Scroll is the way to go if you want to retrieve a high number of documents, high in the sense that it's way over the 10000 default limit, which can be raised.
The first request needs to specify the query you want to make and the scroll
parameter with duration before the search context times out (1 minute in the example below)

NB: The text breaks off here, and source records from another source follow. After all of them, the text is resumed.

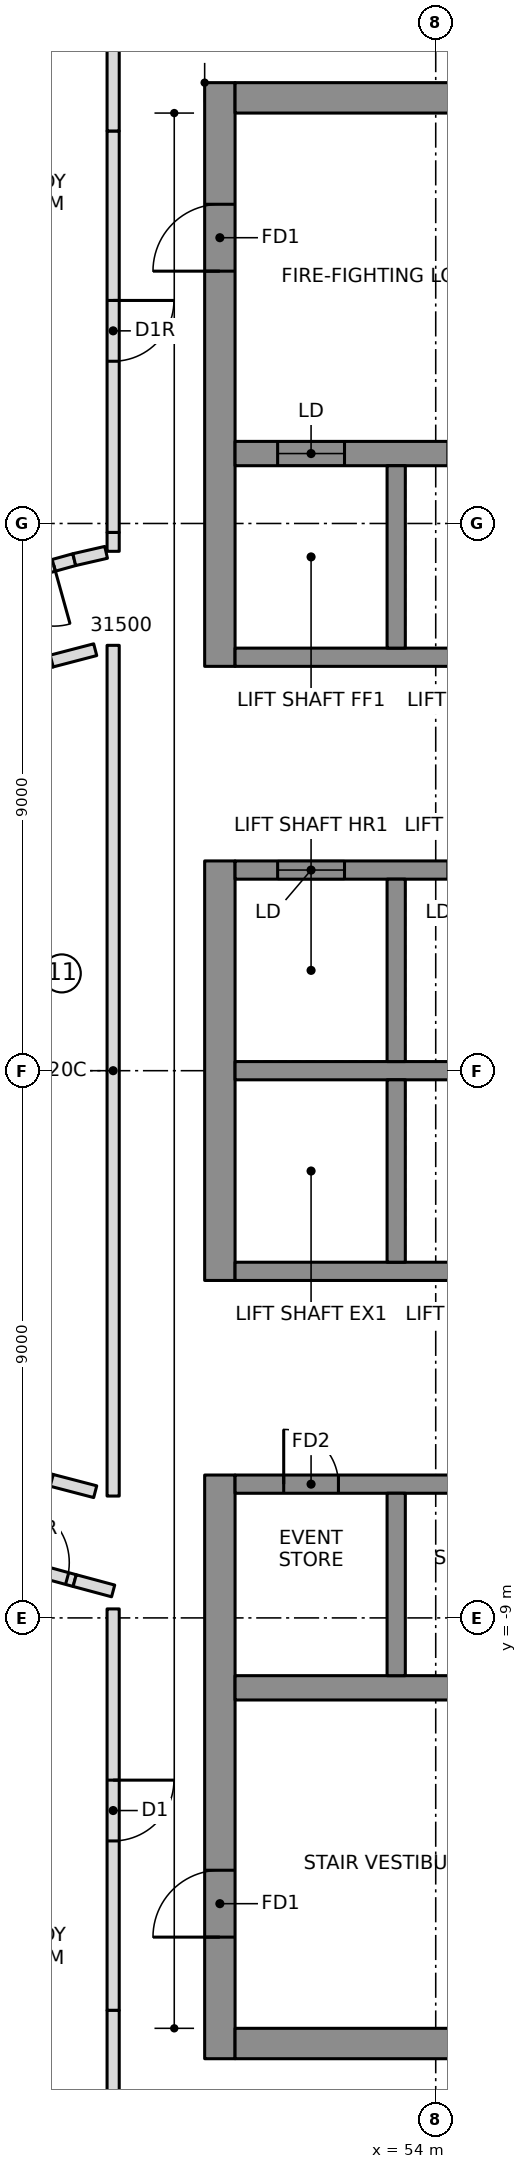
"""IFC4 building model, lengths in metres.
Left out: names, types, materials, properties, quantities, classifications, styles, units other than length and angle.
Written with IfcOpenShell. Run it as: python <this file> out.ifc"""

import sys

from ifc_helpers import new_model, si_unit, direction, frame, frame_2d, origin, place, context, subcontext, project, spatial, rectangle, extrude, element, fill, save


model = new_model("IFC4")
c1 = context("Model", 3, precision=1e-05, world=origin(), true_north=direction((0.0, 1.0)))
c2 = subcontext(c1, "Body", "Model", "MODEL_VIEW")
j1 = project(units=[si_unit("LENGTHUNIT", "METRE"), si_unit("PLANEANGLEUNIT", "RADIAN")], contexts=[c1])
p1 = place(None, origin())
s1 = spatial("IfcSite", under=j1, at=p1, CompositionType="ELEMENT")
p2 = place(p1, origin())
s2 = spatial("IfcBuilding", under=s1, at=p2, CompositionType="ELEMENT")
p3 = place(p2, frame((0.0, 0.0, 271.45)))
s3 = spatial("IfcBuildingStorey", under=s2, at=p3, CompositionType="ELEMENT", Elevation=271.45)
p4 = place(p3, frame((50.45, 6.65, 0.0), z_axis=(0.0, 0.0, 1.0), x_axis=(0.0, 1.0, 0.0)))
e1 = element("IfcWall", 1, at=p4, inside=s3, PredefinedType="SHEAR", context=c2, shape_type="SweptSolid", body=[
    extrude(rectangle(XDim=9.6, YDim=0.5, at=frame_2d((4.8, 0.0))), origin(), (0.0, 0.0, 1.0), 3.55),
])
p5 = place(p4, frame((6.5, 0.0, 0.0)))
e2 = element("IfcOpeningElement", 2, at=p5, cuts=e1, PredefinedType="OPENING", context=c2, shape_type="SweptSolid", body=[
    extrude(rectangle(XDim=1.1, YDim=2.1, at=frame_2d((0.55, 1.05))), frame((0.0, 0.26, 0.0), z_axis=(0.0, -1.0, 0.0), x_axis=(1.0, 0.0, 0.0)), (0.0, 0.0, 1.0), 0.52),
])
p6 = place(p3, frame((50.45, -3.45, 0.0), z_axis=(0.0, 0.0, 1.0), x_axis=(0.0, 1.0, 0.0)))
e3 = element("IfcWall", 3, at=p6, inside=s3, PredefinedType="SHEAR", context=c2, shape_type="SweptSolid", body=[
    extrude(rectangle(XDim=6.9, YDim=0.5, at=frame_2d((3.45, 0.0))), origin(), (0.0, 0.0, 1.0), 3.55),
])
p7 = place(p3, frame((50.45, -16.25, 0.0), z_axis=(0.0, 0.0, 1.0), x_axis=(0.0, 1.0, 0.0)))
e4 = element("IfcWall", 4, at=p7, inside=s3, PredefinedType="SHEAR", context=c2, shape_type="SweptSolid", body=[
    extrude(rectangle(XDim=9.6, YDim=0.5, at=frame_2d((4.8, 0.0))), origin(), (0.0, 0.0, 1.0), 3.55),
])
p8 = place(p7, frame((2.0, 0.0, 0.0)))
e5 = element("IfcOpeningElement", 5, at=p8, cuts=e4, PredefinedType="OPENING", context=c2, shape_type="SweptSolid", body=[
    extrude(rectangle(XDim=1.1, YDim=2.1, at=frame_2d((0.55, 1.05))), frame((0.0, 0.26, 0.0), z_axis=(0.0, -1.0, 0.0), x_axis=(1.0, 0.0, 0.0)), (0.0, 0.0, 1.0), 0.52),
])
for number, where, z_axis, x_axis in (
    (6, (50.7, 16.0, 0.0), (0.0, 0.0, 1.0), (1.0, 0.0, 0.0)),
    (7, (50.7, -16.0, 0.0), (0.0, 0.0, 1.0), (1.0, 0.0, 0.0)),
):
    element("IfcWall", number, at=place(p3, frame(where, z_axis=z_axis, x_axis=x_axis)), inside=s3, PredefinedType="SHEAR", context=c2, shape_type="SweptSolid", body=[
        extrude(rectangle(XDim=13.52, YDim=0.5, at=frame_2d((6.76, 0.0))), origin(), (0.0, 0.0, 1.0), 3.55),
    ])
p9 = place(p3, frame((50.7, 10.15, 0.0), z_axis=(0.0, 0.0, 1.0), x_axis=(1.0, 0.0, 0.0)))
e8 = element("IfcWall", 8, at=p9, inside=s3, PredefinedType="SHEAR", context=c2, shape_type="SweptSolid", body=[
    extrude(rectangle(XDim=13.02, YDim=0.4, at=frame_2d((6.51, 0.0))), origin(), (0.0, 0.0, 1.0), 3.55),
])
p10 = place(p9, frame((0.7, 0.0, 0.0)))
e9 = element("IfcOpeningElement", 9, at=p10, cuts=e8, PredefinedType="OPENING", context=c2, shape_type="SweptSolid", body=[
    extrude(rectangle(XDim=1.1, YDim=2.1, at=frame_2d((0.55, 1.05))), frame((0.0, 0.21, 0.0), z_axis=(0.0, -1.0, 0.0), x_axis=(1.0, 0.0, 0.0)), (0.0, 0.0, 1.0), 0.42),
])
p11 = place(p9, frame((3.5, 0.0, 0.0)))
e10 = element("IfcOpeningElement", 10, at=p11, cuts=e8, PredefinedType="OPENING", context=c2, shape_type="SweptSolid", body=[
    extrude(rectangle(XDim=1.1, YDim=2.1, at=frame_2d((0.55, 1.05))), frame((0.0, 0.21, 0.0), z_axis=(0.0, -1.0, 0.0), x_axis=(1.0, 0.0, 0.0)), (0.0, 0.0, 1.0), 0.42),
])
p12 = place(p3, frame((50.7, -10.15, 0.0), z_axis=(0.0, 0.0, 1.0), x_axis=(1.0, 0.0, 0.0)))
e11 = element("IfcWall", 11, at=p12, inside=s3, PredefinedType="SHEAR", context=c2, shape_type="SweptSolid", body=[
    extrude(rectangle(XDim=13.02, YDim=0.4, at=frame_2d((6.51, 0.0))), origin(), (0.0, 0.0, 1.0), 3.55),
])
p13 = place(p3, frame((50.7, 0.0, 0.0), z_axis=(0.0, 0.0, 1.0), x_axis=(1.0, 0.0, 0.0)))
e12 = element("IfcWall", 12, at=p13, inside=s3, PredefinedType="SHEAR", context=c2, shape_type="SweptSolid", body=[
    extrude(rectangle(XDim=10.9, YDim=0.3, at=frame_2d((5.45, 0.0))), origin(), (0.0, 0.0, 1.0), 3.55),
])
p14 = place(p3, frame((50.7, 3.3, 0.0), z_axis=(0.0, 0.0, 1.0), x_axis=(1.0, 0.0, 0.0)))
e13 = element("IfcWall", 13, at=p14, inside=s3, PredefinedType="SHEAR", context=c2, shape_type="SweptSolid", body=[
    extrude(rectangle(XDim=10.9, YDim=0.3, at=frame_2d((5.45, 0.0))), origin(), (0.0, 0.0, 1.0), 3.55),
])
p15 = place(p14, frame((0.7, 0.0, 0.0)))
e14 = element("IfcOpeningElement", 14, at=p15, cuts=e13, PredefinedType="OPENING", context=c2, shape_type="SweptSolid", body=[
    extrude(rectangle(XDim=1.1, YDim=2.1, at=frame_2d((0.55, 1.05))), frame((0.0, 0.16, 0.0), z_axis=(0.0, -1.0, 0.0), x_axis=(1.0, 0.0, 0.0)), (0.0, 0.0, 1.0), 0.32),
])
p16 = place(p14, frame((3.5, 0.0, 0.0)))
e15 = element("IfcOpeningElement", 15, at=p16, cuts=e13, PredefinedType="OPENING", context=c2, shape_type="SweptSolid", body=[
    extrude(rectangle(XDim=1.1, YDim=2.1, at=frame_2d((0.55, 1.05))), frame((0.0, 0.16, 0.0), z_axis=(0.0, -1.0, 0.0), x_axis=(1.0, 0.0, 0.0)), (0.0, 0.0, 1.0), 0.32),
])
p17 = place(p14, frame((6.4, 0.0, 0.0)))
e16 = element("IfcOpeningElement", 16, at=p17, cuts=e13, PredefinedType="OPENING", context=c2, shape_type="SweptSolid", body=[
    extrude(rectangle(XDim=0.9, YDim=2.1, at=frame_2d((0.45, 1.05))), frame((0.0, 0.16, 0.0), z_axis=(0.0, -1.0, 0.0), x_axis=(1.0, 0.0, 0.0)), (0.0, 0.0, 1.0), 0.32),
])
p18 = place(p14, frame((9.2, 0.0, 0.0)))
e17 = element("IfcOpeningElement", 17, at=p18, cuts=e13, PredefinedType="OPENING", context=c2, shape_type="SweptSolid", body=[
    extrude(rectangle(XDim=0.9, YDim=2.1, at=frame_2d((0.45, 1.05))), frame((0.0, 0.16, 0.0), z_axis=(0.0, -1.0, 0.0), x_axis=(1.0, 0.0, 0.0)), (0.0, 0.0, 1.0), 0.32),
])
p19 = place(p3, frame((50.7, 6.8, 0.0), z_axis=(0.0, 0.0, 1.0), x_axis=(1.0, 0.0, 0.0)))
e18 = element("IfcWall", 18, at=p19, inside=s3, PredefinedType="SHEAR", context=c2, shape_type="SweptSolid", body=[
    extrude(rectangle(XDim=10.9, YDim=0.3, at=frame_2d((5.45, 0.0))), origin(), (0.0, 0.0, 1.0), 3.55),
])
p20 = place(p19, frame((6.4, 0.0, 0.0)))
e19 = element("IfcOpeningElement", 19, at=p20, cuts=e18, PredefinedType="OPENING", context=c2, shape_type="SweptSolid", body=[
    extrude(rectangle(XDim=0.9, YDim=2.1, at=frame_2d((0.45, 1.05))), frame((0.0, 0.16, 0.0), z_axis=(0.0, -1.0, 0.0), x_axis=(1.0, 0.0, 0.0)), (0.0, 0.0, 1.0), 0.32),
])
p21 = place(p19, frame((9.2, 0.0, 0.0)))
e20 = element("IfcOpeningElement", 20, at=p21, cuts=e18, PredefinedType="OPENING", context=c2, shape_type="SweptSolid", body=[
    extrude(rectangle(XDim=0.9, YDim=2.1, at=frame_2d((0.45, 1.05))), frame((0.0, 0.16, 0.0), z_axis=(0.0, -1.0, 0.0), x_axis=(1.0, 0.0, 0.0)), (0.0, 0.0, 1.0), 0.32),
])
for number, where, z_axis, x_axis in (
    (21, (53.35, 0.15, 0.0), (0.0, 0.0, 1.0), (0.0, 1.0, 0.0)),
    (22, (53.35, 6.95, 0.0), (0.0, 0.0, 1.0), (0.0, 1.0, 0.0)),
):
    element("IfcWall", number, at=place(p3, frame(where, z_axis=z_axis, x_axis=x_axis)), inside=s3, PredefinedType="SHEAR", context=c2, shape_type="SweptSolid", body=[
        extrude(rectangle(XDim=3.0, YDim=0.3, at=frame_2d((1.5, 0.0))), origin(), (0.0, 0.0, 1.0), 3.55),
    ])
p22 = place(p3, frame((50.7, -3.3, 0.0), z_axis=(0.0, 0.0, 1.0), x_axis=(1.0, 0.0, 0.0)))
e23 = element("IfcWall", 23, at=p22, inside=s3, PredefinedType="SHEAR", context=c2, shape_type="SweptSolid", body=[
    extrude(rectangle(XDim=10.9, YDim=0.3, at=frame_2d((5.45, 0.0))), origin(), (0.0, 0.0, 1.0), 3.55),
])
p23 = place(p22, frame((9.1, 0.0, 0.0)))
e24 = element("IfcOpeningElement", 24, at=p23, cuts=e23, PredefinedType="OPENING", context=c2, shape_type="SweptSolid", body=[
    extrude(rectangle(XDim=1.1, YDim=2.1, at=frame_2d((0.55, 1.05))), frame((0.0, 0.16, 0.0), z_axis=(0.0, -1.0, 0.0), x_axis=(1.0, 0.0, 0.0)), (0.0, 0.0, 1.0), 0.32),
])
p24 = place(p3, frame((50.7, -6.8, 0.0), z_axis=(0.0, 0.0, 1.0), x_axis=(1.0, 0.0, 0.0)))
e25 = element("IfcWall", 25, at=p24, inside=s3, PredefinedType="SHEAR", context=c2, shape_type="SweptSolid", body=[
    extrude(rectangle(XDim=10.9, YDim=0.3, at=frame_2d((5.45, 0.0))), origin(), (0.0, 0.0, 1.0), 3.55),
])
p25 = place(p24, frame((6.3, 0.0, 0.0)))
e26 = element("IfcOpeningElement", 26, at=p25, cuts=e25, PredefinedType="OPENING", context=c2, shape_type="SweptSolid", body=[
    extrude(rectangle(XDim=1.1, YDim=2.1, at=frame_2d((0.55, 1.05))), frame((0.0, 0.16, 0.0), z_axis=(0.0, -1.0, 0.0), x_axis=(1.0, 0.0, 0.0)), (0.0, 0.0, 1.0), 0.32),
])
p26 = place(p24, frame((9.1, 0.0, 0.0)))
e27 = element("IfcOpeningElement", 27, at=p26, cuts=e25, PredefinedType="OPENING", context=c2, shape_type="SweptSolid", body=[
    extrude(rectangle(XDim=1.1, YDim=2.1, at=frame_2d((0.55, 1.05))), frame((0.0, 0.16, 0.0), z_axis=(0.0, -1.0, 0.0), x_axis=(1.0, 0.0, 0.0)), (0.0, 0.0, 1.0), 0.32),
])
p27 = place(p24, frame((0.8, 0.0, 0.0)))
e28 = element("IfcOpeningElement", 28, at=p27, cuts=e25, PredefinedType="OPENING", context=c2, shape_type="SweptSolid", body=[
    extrude(rectangle(XDim=0.9, YDim=2.1, at=frame_2d((0.45, 1.05))), frame((0.0, 0.16, 0.0), z_axis=(0.0, -1.0, 0.0), x_axis=(1.0, 0.0, 0.0)), (0.0, 0.0, 1.0), 0.32),
])
p28 = place(p24, frame((3.6, 0.0, 0.0)))
e29 = element("IfcOpeningElement", 29, at=p28, cuts=e25, PredefinedType="OPENING", context=c2, shape_type="SweptSolid", body=[
    extrude(rectangle(XDim=0.9, YDim=2.1, at=frame_2d((0.45, 1.05))), frame((0.0, 0.16, 0.0), z_axis=(0.0, -1.0, 0.0), x_axis=(1.0, 0.0, 0.0)), (0.0, 0.0, 1.0), 0.32),
])
for number, where, z_axis, x_axis in (
    (30, (53.35, -3.15, 0.0), (0.0, 0.0, 1.0), (0.0, 1.0, 0.0)),
    (31, (53.35, -9.95, 0.0), (0.0, 0.0, 1.0), (0.0, 1.0, 0.0)),
):
    element("IfcWall", number, at=place(p3, frame(where, z_axis=z_axis, x_axis=x_axis)), inside=s3, PredefinedType="SHEAR", context=c2, shape_type="SweptSolid", body=[
        extrude(rectangle(XDim=3.0, YDim=0.3, at=frame_2d((1.5, 0.0))), origin(), (0.0, 0.0, 1.0), 3.55),
    ])
p29 = place(p3, frame((48.056, 8.405, 0.0), z_axis=(0.0, 0.0, 1.0), x_axis=(-0.963429942227, -0.267960344866, 0.0)))
e32 = element("IfcWall", 32, at=p29, inside=s3, PredefinedType="PARTITIONING", context=c2, shape_type="SweptSolid", body=[
    extrude(rectangle(XDim=4.177, YDim=0.2, at=frame_2d((2.089, 0.0))), origin(), (0.0, 0.0, 1.0), 3.25),
])
p30 = place(p29, frame((0.35, 0.0, 0.0)))
e33 = element("IfcOpeningElement", 33, at=p30, cuts=e32, PredefinedType="OPENING", context=c2, shape_type="SweptSolid", body=[
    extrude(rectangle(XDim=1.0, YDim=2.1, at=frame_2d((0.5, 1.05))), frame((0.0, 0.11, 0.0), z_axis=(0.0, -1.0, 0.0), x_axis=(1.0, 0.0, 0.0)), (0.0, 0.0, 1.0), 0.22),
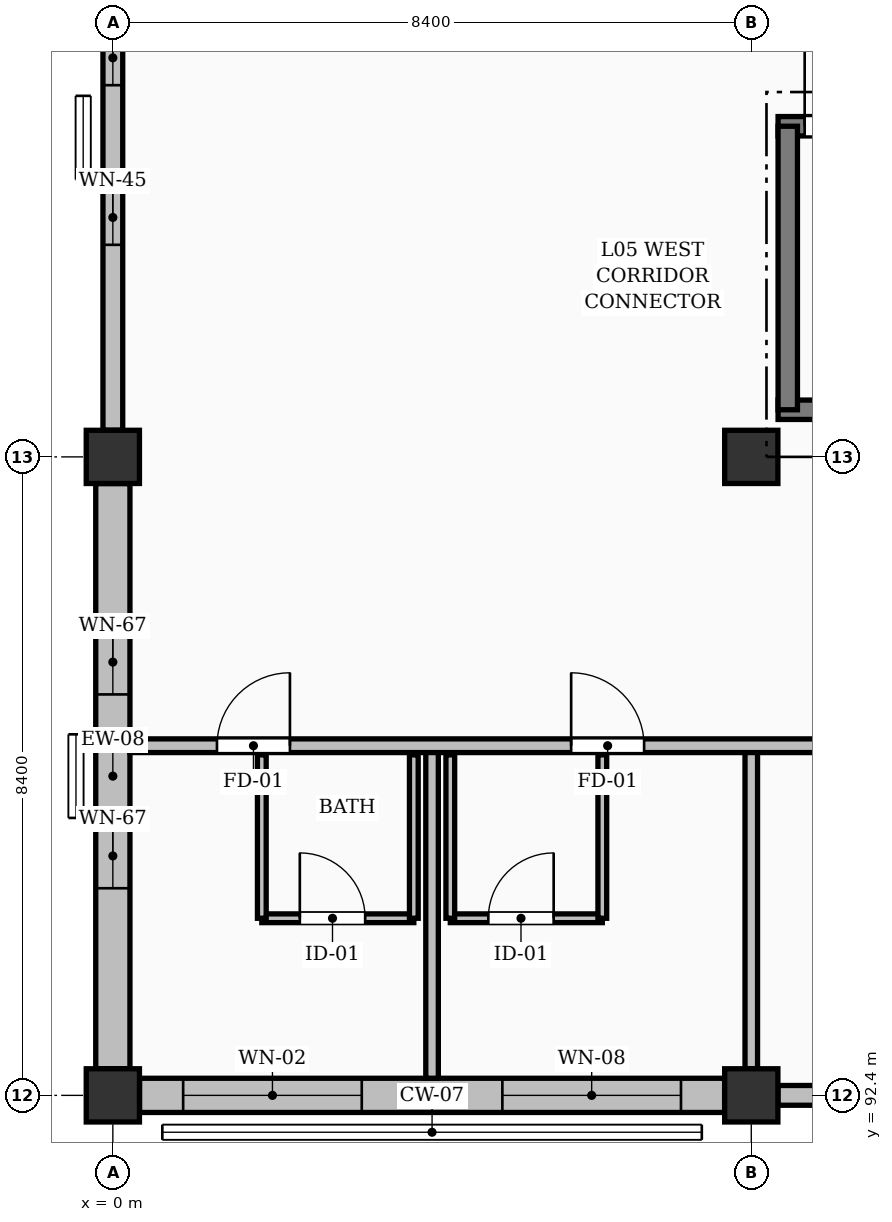
"""IFC4 building model, lengths in metres.
Left out: names, types, materials, properties, quantities, classifications, styles, units other than length and angle.
Written with IfcOpenShell. Run it as: python <this file> out.ifc"""

import sys

from ifc_helpers import new_model, si_unit, direction, frame, frame_2d, origin, origin_2d, place, context, subcontext, project, spatial, rectangle, extrude, element, fill, save


model = new_model("IFC4")
c1 = context("Model", 3, precision=1e-05, world=origin(), true_north=direction((0.0, 1.0)))
c2 = subcontext(c1, "Body", "Model", "MODEL_VIEW")
j1 = project(units=[si_unit("LENGTHUNIT", "METRE"), si_unit("PLANEANGLEUNIT", "RADIAN")], contexts=[c1])
p1 = place(None, origin())
s1 = spatial("IfcSite", under=j1, at=p1, CompositionType="ELEMENT")
p2 = place(p1, origin())
s2 = spatial("IfcBuilding", under=s1, at=p2, CompositionType="ELEMENT")
p3 = place(p2, frame((0.0, 0.0, 18.48)))
s3 = spatial("IfcBuildingStorey", under=s2, at=p3, CompositionType="ELEMENT", Elevation=18.48)
for number, where, z_axis, x_axis in (
    (1, (0.0, 92.4, 0.0), (0.0, 0.0, 1.0), (1.0, 0.0, 0.0)),
    (2, (0.0, 100.8, 0.0), (0.0, 0.0, 1.0), (1.0, 0.0, 0.0)),
    (3, (8.4, 92.4, 0.0), (0.0, 0.0, 1.0), (1.0, 0.0, 0.0)),
    (4, (8.4, 100.8, 0.0), (0.0, 0.0, 1.0), (1.0, 0.0, 0.0)),
):
    element("IfcColumn", number, at=place(p3, frame(where, z_axis=z_axis, x_axis=x_axis)), inside=s3, PredefinedType="COLUMN", context=c2, shape_type="SweptSolid", body=[
        extrude(rectangle(XDim=0.7, YDim=0.7, at=origin_2d()), origin(), (0.0, 0.0, 1.0), 3.36),
    ])
p4 = place(p3, frame((0.351, 92.4, 0.0), z_axis=(0.0, 0.0, 1.0), x_axis=(1.0, 0.0, 0.0)))
e5 = element("IfcWall", 5, at=p4, inside=s3, PredefinedType="SOLIDWALL", context=c2, shape_type="SweptSolid", body=[
    extrude(rectangle(XDim=7.698, YDim=0.45, at=frame_2d((3.849, 0.0))), origin(), (0.0, 0.0, 1.0), 2.494),
])
p5 = place(p4, frame((0.574, 0.0, 0.25)))
e6 = element("IfcOpeningElement", 6, at=p5, cuts=e5, PredefinedType="OPENING", context=c2, shape_type="SweptSolid", body=[
    extrude(rectangle(XDim=2.35, YDim=1.85, at=frame_2d((1.175, 0.925))), frame((0.0, 0.235, 0.0), z_axis=(0.0, -1.0, 0.0), x_axis=(1.0, 0.0, 0.0)), (0.0, 0.0, 1.0), 0.47),
])
p6 = place(p4, frame((4.774, 0.0, 0.25)))
e7 = element("IfcOpeningElement", 7, at=p6, cuts=e5, PredefinedType="OPENING", context=c2, shape_type="SweptSolid", body=[
    extrude(rectangle(XDim=2.35, YDim=1.95, at=frame_2d((1.175, 0.975))), frame((0.0, 0.235, 0.0), z_axis=(0.0, -1.0, 0.0), x_axis=(1.0, 0.0, 0.0)), (0.0, 0.0, 1.0), 0.47),
])
p7 = place(p3, frame((8.751, 92.4, 0.0), z_axis=(0.0, 0.0, 1.0), x_axis=(1.0, 0.0, 0.0)))
e8 = element("IfcWall", 8, at=p7, inside=s3, PredefinedType="SOLIDWALL", context=c2, shape_type="SweptSolid", body=[
    extrude(rectangle(XDim=7.698, YDim=0.26, at=frame_2d((3.849, 0.0))), origin(), (0.0, 0.0, 1.0), 2.494),
])
p8 = place(p7, frame((1.024, 0.0, 0.0)))
e9 = element("IfcOpeningElement", 9, at=p8, cuts=e8, PredefinedType="OPENING", context=c2, shape_type="SweptSolid", body=[
    extrude(rectangle(XDim=1.55, YDim=2.08, at=frame_2d((0.775, 1.04))), frame((0.0, 0.14, 0.0), z_axis=(0.0, -1.0, 0.0), x_axis=(1.0, 0.0, 0.0)), (0.0, 0.0, 1.0), 0.28),
])
p9 = place(p7, frame((4.624, 0.0, 0.25)))
e10 = element("IfcOpeningElement", 10, at=p9, cuts=e8, PredefinedType="OPENING", context=c2, shape_type="SweptSolid", body=[
    extrude(rectangle(XDim=2.35, YDim=1.95, at=frame_2d((1.175, 0.975))), frame((0.0, 0.14, 0.0), z_axis=(0.0, -1.0, 0.0), x_axis=(1.0, 0.0, 0.0)), (0.0, 0.0, 1.0), 0.28),
])
p10 = place(p3, frame((0.0, 92.751, 0.0), z_axis=(0.0, 0.0, 1.0), x_axis=(0.0, 1.0, 0.0)))
e11 = element("IfcWall", 11, at=p10, inside=s3, PredefinedType="SOLIDWALL", context=c2, shape_type="SweptSolid", body=[
    extrude(rectangle(XDim=7.698, YDim=0.45, at=frame_2d((3.849, 0.0))), origin(), (0.0, 0.0, 1.0), 2.494),
])
p11 = place(p10, frame((2.374, 0.0, 0.3)))
e12 = element("IfcOpeningElement", 12, at=p11, cuts=e11, PredefinedType="OPENING", context=c2, shape_type="SweptSolid", body=[
    extrude(rectangle(XDim=0.85, YDim=1.9, at=frame_2d((0.425, 0.95))), frame((0.0, 0.235, 0.0), z_axis=(0.0, -1.0, 0.0), x_axis=(1.0, 0.0, 0.0)), (0.0, 0.0, 1.0), 0.47),
])
p12 = place(p10, frame((4.924, 0.0, 0.3)))
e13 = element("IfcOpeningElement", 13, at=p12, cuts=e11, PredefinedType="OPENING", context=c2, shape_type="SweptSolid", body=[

POST /index/type/_search?scroll=1m
{
"size": 1000,
"query": {
"match" : {
"title" : "elasticsearch"
}
}
}
In the response to that first call, you get a _scroll_id
that you need to use to make the second call:
POST /_search/scroll
{
"scroll" : "1m",
"scroll_id" : "DXF1ZXJ5QW5kRmV0Y2gBAAAAAAAAAD4WYm9laVYtZndUQlNsdDcwakFMNjU1QQ=="
}
In each subsequent response, you'll get a new _scroll_id
that you need to use for the next call until you've retrieved the amount of documents you need.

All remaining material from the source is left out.